Склонный ставить перед собой сложные задачи и находя особое удовольствие в преодолении трудностей, Нуреев продолжал примерять на себя разнообразные маски. В Кировском театре он радовался двум новым ролям за год. А тут, только за одну эту зиму, Рудольф между выступлениями в Королевском балете и «Американ балле тиэтр» исполнил еще шесть партий. Среди них была роль Этеокла, одного из воинственных сыновей Эдипа и Иокасты в «Антигоне» Джона Кранко, и главная мужская партия в «Развлечениях» – бессюжетном балете Кеннета Макмиллана. В обоих спектаклях Нуреев особо не выделялся, скорее, был просто членом ансамбля.
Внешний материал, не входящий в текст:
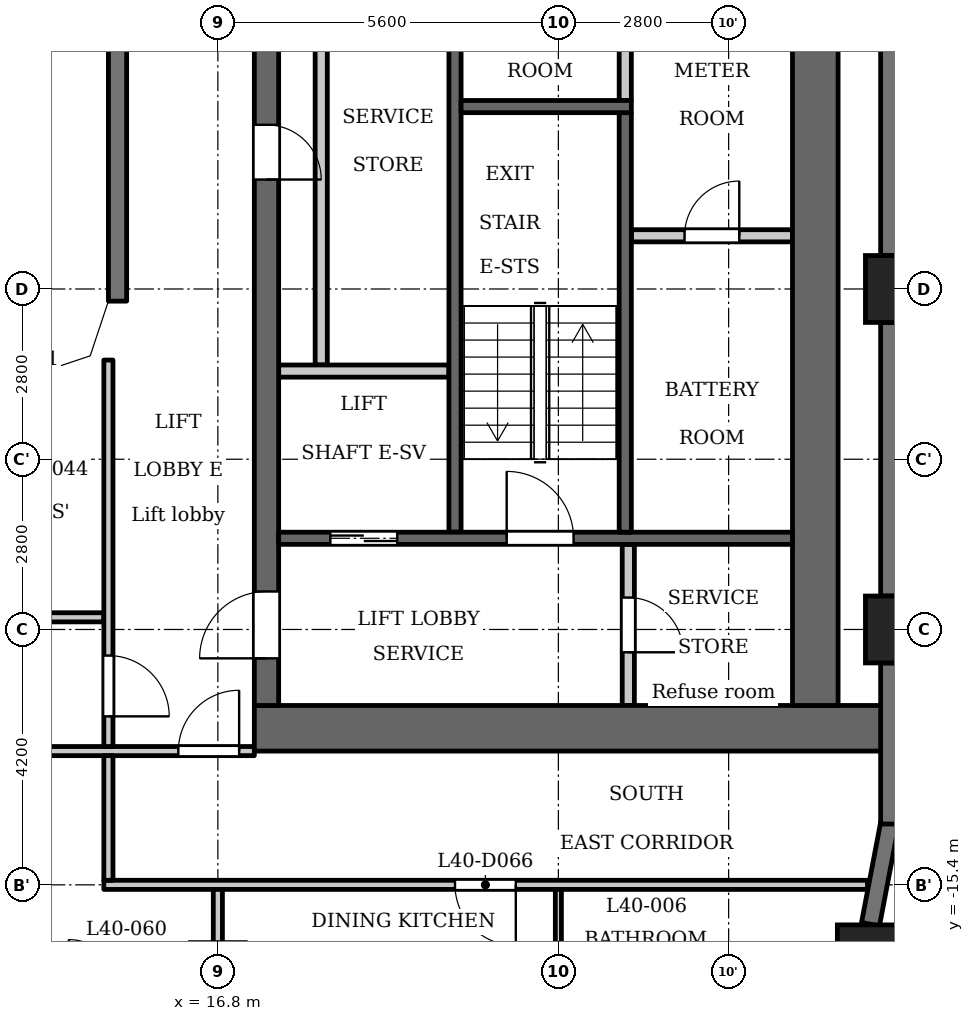
"""IFC4 building model, lengths in metres.
Left out: names, types, materials, properties, quantities, classifications, styles, units other than length and angle.
Written with IfcOpenShell. Run it as: python <this file> out.ifc"""

import sys

from ifc_helpers import new_model, si_unit, direction, frame, frame_2d, origin, origin_2d, place, context, subcontext, project, spatial, polyline, rectangle, outline, extrude, element, fill, save


model = new_model("IFC4")
c1 = context("Model", 3, precision=1e-05, world=origin(), true_north=direction((0.0, 1.0)))
c2 = subcontext(c1, "Body", "Model", "MODEL_VIEW")
j1 = project(units=[si_unit("LENGTHUNIT", "METRE"), si_unit("PLANEANGLEUNIT", "RADIAN")], contexts=[c1])
p1 = place(None, origin())
s1 = spatial("IfcSite", under=j1, at=p1, CompositionType="ELEMENT")
p2 = place(p1, origin())
s2 = spatial("IfcBuilding", under=s1, at=p2, CompositionType="ELEMENT")
p3 = place(p2, frame((0.0, 0.0, 157.1)))
s3 = spatial("IfcBuildingStorey", under=s2, at=p3, CompositionType="ELEMENT", Elevation=157.1)
for number, where, z_axis, x_axis in (
    (1, (27.538, -16.609, 0.0), (0.0, 0.0, 1.0), (1.0, 0.0, 0.0)),
    (2, (28.0, -11.2, 0.0), (0.0, 0.0, 1.0), (1.0, 0.0, 0.0)),
    (3, (28.0, -5.6, 0.0), (0.0, 0.0, 1.0), (1.0, 0.0, 0.0)),
):
    element("IfcColumn", number, at=place(p3, frame(where, z_axis=z_axis, x_axis=x_axis)), inside=s3, PredefinedType="COLUMN", context=c2, shape_type="SweptSolid", body=[
        extrude(rectangle(XDim=1.1, YDim=1.1, at=origin_2d()), origin(), (0.0, 0.0, 1.0), 3.5),
    ])
p4 = place(p3, frame((27.533, -16.048, 0.0), z_axis=(0.0, 0.0, 1.0), x_axis=(0.187302784601, 0.982302227871, 0.0)))
e4 = element("IfcWall", 4, at=p4, inside=s3, PredefinedType="SOLIDWALL", context=c2, shape_type="SweptSolid", body=[
    extrude(rectangle(XDim=1.706, YDim=0.3, at=frame_2d((0.853, 0.0))), origin(), (0.0, 0.0, 1.0), 2.45),
])
p5 = place(p3, frame((27.85, -14.4, 0.0), z_axis=(0.0, 0.0, 1.0), x_axis=(0.0, 1.0, 0.0)))
e5 = element("IfcWall", 5, at=p5, inside=s3, PredefinedType="SOLIDWALL", context=c2, shape_type="SweptSolid", body=[
    extrude(rectangle(XDim=2.65, YDim=0.3, at=frame_2d((1.325, 0.0))), origin(), (0.0, 0.0, 1.0), 2.45),
])
for number, where, z_axis, x_axis in (
    (6, (27.85, -10.65, 0.0), (0.0, 0.0, 1.0), (0.0, 1.0, 0.0)),
    (7, (27.85, -5.05, 0.0), (0.0, 0.0, 1.0), (0.0, 1.0, 0.0)),
):
    element("IfcWall", number, at=place(p3, frame(where, z_axis=z_axis, x_axis=x_axis)), inside=s3, PredefinedType="SOLIDWALL", context=c2, shape_type="SweptSolid", body=[
        extrude(rectangle(XDim=4.5, YDim=0.3, at=frame_2d((2.25, 0.0))), origin(), (0.0, 0.0, 1.0), 2.45),
    ])
p6 = place(p3, frame((15.15, 5.8, 0.0), z_axis=(0.0, 0.0, 1.0), x_axis=(0.0, -1.0, 0.0)))
e8 = element("IfcWall", 8, at=p6, inside=s3, PredefinedType="SOLIDWALL", context=c2, shape_type="SweptSolid", body=[
    extrude(rectangle(XDim=11.6, YDim=0.3, at=frame_2d((5.8, 0.0))), origin(), (0.0, 0.0, 1.0), 3.2),
])
p7 = place(p3, frame((23.5, -2.5, 0.0), z_axis=(0.0, 0.0, 1.0), x_axis=(0.0, 1.0, 0.0)))
e9 = element("IfcWall", 9, at=p7, inside=s3, PredefinedType="PARTITIONING", context=c2, shape_type="SweptSolid", body=[
    extrude(rectangle(XDim=2.65, YDim=0.2, at=frame_2d((1.325, 0.0))), origin(), (0.0, 0.0, 1.0), 3.2),
])
p8 = place(p3, frame((20.7, -9.6, 0.0), z_axis=(0.0, 0.0, 1.0), x_axis=(0.0, 1.0, 0.0)))
e10 = element("IfcWall", 10, at=p8, inside=s3, PredefinedType="SHEAR", context=c2, shape_type="SweptSolid", body=[
    extrude(rectangle(XDim=9.75, YDim=0.2, at=frame_2d((4.875, 0.0))), origin(), (0.0, 0.0, 1.0), 3.2),
])
p9 = place(p3, frame((17.4, -12.825, 0.0), z_axis=(0.0, 0.0, 1.0), x_axis=(1.0, 0.0, 0.0)))
e11 = element("IfcWall", 11, at=p9, inside=s3, PredefinedType="SHEAR", context=c2, shape_type="SweptSolid", body=[
    extrude(rectangle(XDim=10.4, YDim=0.75, at=frame_2d((5.2, 0.0))), origin(), (0.0, 0.0, 1.0), 3.2),
])
p10 = place(p3, frame((18.5, -6.85, 0.0), z_axis=(0.0, 0.0, 1.0), x_axis=(0.0, 1.0, 0.0)))
e12 = element("IfcWall", 12, at=p10, inside=s3, PredefinedType="PARTITIONING", context=c2, shape_type="SweptSolid", body=[
    extrude(rectangle(XDim=7.0, YDim=0.2, at=frame_2d((3.5, 0.0))), origin(), (0.0, 0.0, 1.0), 3.2),
])
p11 = place(p3, frame((17.6, -12.45, 0.0), z_axis=(0.0, 0.0, 1.0), x_axis=(0.0, 1.0, 0.0)))
e13 = element("IfcWall", 13, at=p11, inside=s3, PredefinedType="SHEAR", context=c2, shape_type="SweptSolid", body=[
    extrude(rectangle(XDim=24.9, YDim=0.4, at=frame_2d((12.45, 0.0))), origin(), (0.0, 0.0, 1.0), 3.2),
])
p12 = place(p11, frame((8.65, 0.0, 0.0)))
e14 = element("IfcOpeningElement", 14, at=p12, cuts=e13, PredefinedType="OPENING", context=c2, shape_type="SweptSolid", body=[
    extrude(rectangle(XDim=0.9, YDim=2.1, at=frame_2d((0.45, 1.05))), frame((0.0, 0.21, 0.0), z_axis=(0.0, -1.0, 0.0), x_axis=(1.0, 0.0, 0.0)), (0.0, 0.0, 1.0), 0.42),
])
p13 = place(p11, frame((15.6, 0.0, 0.0)))
e15 = element("IfcOpeningElement", 15, at=p13, cuts=e13, PredefinedType="OPENING", context=c2, shape_type="SweptSolid", body=[
    extrude(rectangle(XDim=1.1, YDim=2.1, at=frame_2d((0.55, 1.05))), frame((0.0, 0.21, 0.0), z_axis=(0.0, -1.0, 0.0), x_axis=(1.0, 0.0, 0.0)), (0.0, 0.0, 1.0), 0.42),
])
p14 = place(p11, frame((18.0, 0.0, 0.0)))
e16 = element("IfcOpeningElement", 16, at=p14, cuts=e13, PredefinedType="OPENING", context=c2, shape_type="SweptSolid", body=[
    extrude(rectangle(XDim=1.1, YDim=2.1, at=frame_2d((0.55, 1.05))), frame((0.0, 0.21, 0.0), z_axis=(0.0, -1.0, 0.0), x_axis=(1.0, 0.0, 0.0)), (0.0, 0.0, 1.0), 0.42),
])
p15 = place(p11, frame((23.025, 0.0, 0.0)))
e17 = element("IfcOpeningElement", 17, at=p15, cuts=e13, PredefinedType="OPENING", context=c2, shape_type="SweptSolid", body=[
    extrude(rectangle(XDim=1.1, YDim=2.1, at=frame_2d((0.55, 1.05))), frame((0.0, 0.21, 0.0), z_axis=(0.0, -1.0, 0.0), x_axis=(1.0, 0.0, 0.0)), (0.0, 0.0, 1.0), 0.42),
])
p16 = place(p11, frame((0.775, 0.0, 0.0)))
e18 = element("IfcOpeningElement", 18, at=p16, cuts=e13, PredefinedType="OPENING", context=c2, shape_type="SweptSolid", body=[
    extrude(rectangle(XDim=1.1, YDim=2.1, at=frame_2d((0.55, 1.05))), frame((0.0, 0.21, 0.0), z_axis=(0.0, -1.0, 0.0), x_axis=(1.0, 0.0, 0.0)), (0.0, 0.0, 1.0), 0.42),
])
p17 = place(p11, frame((12.925, 0.0, 0.0)))
e19 = element("IfcOpeningElement", 19, at=p17, cuts=e13, PredefinedType="OPENING", context=c2, shape_type="SweptSolid", body=[
    extrude(rectangle(XDim=1.8, YDim=2.1, at=frame_2d((0.9, 1.05))), frame((0.0, 0.21, 0.0), z_axis=(0.0, -1.0, 0.0), x_axis=(1.0, 0.0, 0.0)), (0.0, 0.0, 1.0), 0.42),
])
p18 = place(p3, frame((26.625, -12.45, 0.0), z_axis=(0.0, 0.0, 1.0), x_axis=(0.0, 1.0, 0.0)))
e20 = element("IfcWall", 20, at=p18, inside=s3, PredefinedType="SHEAR", context=c2, shape_type="SweptSolid", body=[
    extrude(rectangle(XDim=24.9, YDim=0.75, at=frame_2d((12.45, 0.0))), origin(), (0.0, 0.0, 1.0), 3.2),
])
p19 = place(p3, frame((23.55, -12.45, 0.0), z_axis=(0.0, 0.0, 1.0), x_axis=(0.0, 1.0, 0.0)))
e21 = element("IfcWall", 21, at=p19, inside=s3, PredefinedType="PARTITIONING", context=c2, shape_type="SweptSolid", body=[
    extrude(rectangle(XDim=2.65, YDim=0.2, at=frame_2d((1.325, 0.0))), origin(), (0.0, 0.0, 1.0), 3.2),
])
p20 = place(p19, frame((0.875, 0.0, 0.0)))
e22 = element("IfcOpeningElement", 22, at=p20, cuts=e21, PredefinedType="OPENING", context=c2, shape_type="SweptSolid", body=[
    extrude(rectangle(XDim=0.9, YDim=2.1, at=frame_2d((0.45, 1.05))), frame((0.0, 0.11, 0.0), z_axis=(0.0, -1.0, 0.0), x_axis=(1.0, 0.0, 0.0)), (0.0, 0.0, 1.0), 0.22),
])
p21 = place(p3, frame((23.6, -4.725, 0.0), z_axis=(0.0, 0.0, 1.0), x_axis=(1.0, 0.0, 0.0)))
e23 = element("IfcWall", 23, at=p21, inside=s3, PredefinedType="PARTITIONING", context=c2, shape_type="SweptSolid", body=[
    extrude(rectangle(XDim=2.65, YDim=0.2, at=frame_2d((1.325, 0.0))), origin(), (0.0, 0.0, 1.0), 3.2),
])
p22 = place(p21, frame((0.875, 0.0, 0.0)))
e24 = element("IfcOpeningElement", 24, at=p22, cuts=e23, PredefinedType="OPENING", context=c2, shape_type="SweptSolid", body=[
    extrude(rectangle(XDim=0.9, YDim=2.1, at=frame_2d((0.45, 1.05))), frame((0.0, 0.11, 0.0), z_axis=(0.0, -1.0, 0.0), x_axis=(1.0, 0.0, 0.0)), (0.0, 0.0, 1.0), 0.22),
])
p23 = place(p3, frame((17.8, -9.7, 0.0), z_axis=(0.0, 0.0, 1.0), x_axis=(1.0, 0.0, 0.0)))
e25 = element("IfcWall", 25, at=p23, inside=s3, PredefinedType="SHEAR", context=c2, shape_type="SweptSolid", body=[
    extrude(rectangle(XDim=8.45, YDim=0.2, at=frame_2d((4.225, 0.0))), origin(), (0.0, 0.0, 1.0), 3.2),
])
p24 = place(p23, frame((0.85, 0.0, 0.0)))
e26 = element("IfcOpeningElement", 26, at=p24, cuts=e25, PredefinedType="OPENING", context=c2, shape_type="SweptSolid", body=[
    extrude(rectangle(XDim=1.1, YDim=2.1, at=frame_2d((0.55, 1.05))), frame((0.0, 0.11, 0.0), z_axis=(0.0, -1.0, 0.0), x_axis=(1.0, 0.0, 0.0)), (0.0, 0.0, 1.0), 0.22),
])
p25 = place(p23, frame((3.75, 0.0, 0.0)))
e27 = element("IfcOpeningElement", 27, at=p25, cuts=e25, PredefinedType="OPENING", context=c2, shape_type="SweptSolid", body=[
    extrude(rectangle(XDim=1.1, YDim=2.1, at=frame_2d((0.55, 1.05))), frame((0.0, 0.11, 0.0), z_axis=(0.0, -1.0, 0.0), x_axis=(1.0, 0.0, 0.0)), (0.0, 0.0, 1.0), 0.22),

Если не считать «Тему с вариациями», основанную на принципах Петипа, а значит, и на знакомой ему традиции, в «Развлечениях» Рудольф впервые столкнулся с проблемой исполнения «абстрактной» роли, лишенной истории и характера и зависевшей «от новой стилистики выразительности, складывавшейся по преимуществу из простых танцевальных движений тела в пространстве». В Кировском Нуреева учили самовыражению на сцене через создание собственного образа заданного персонажа; теперь ему предстояло научиться выражать свое «я» посредством одних движений.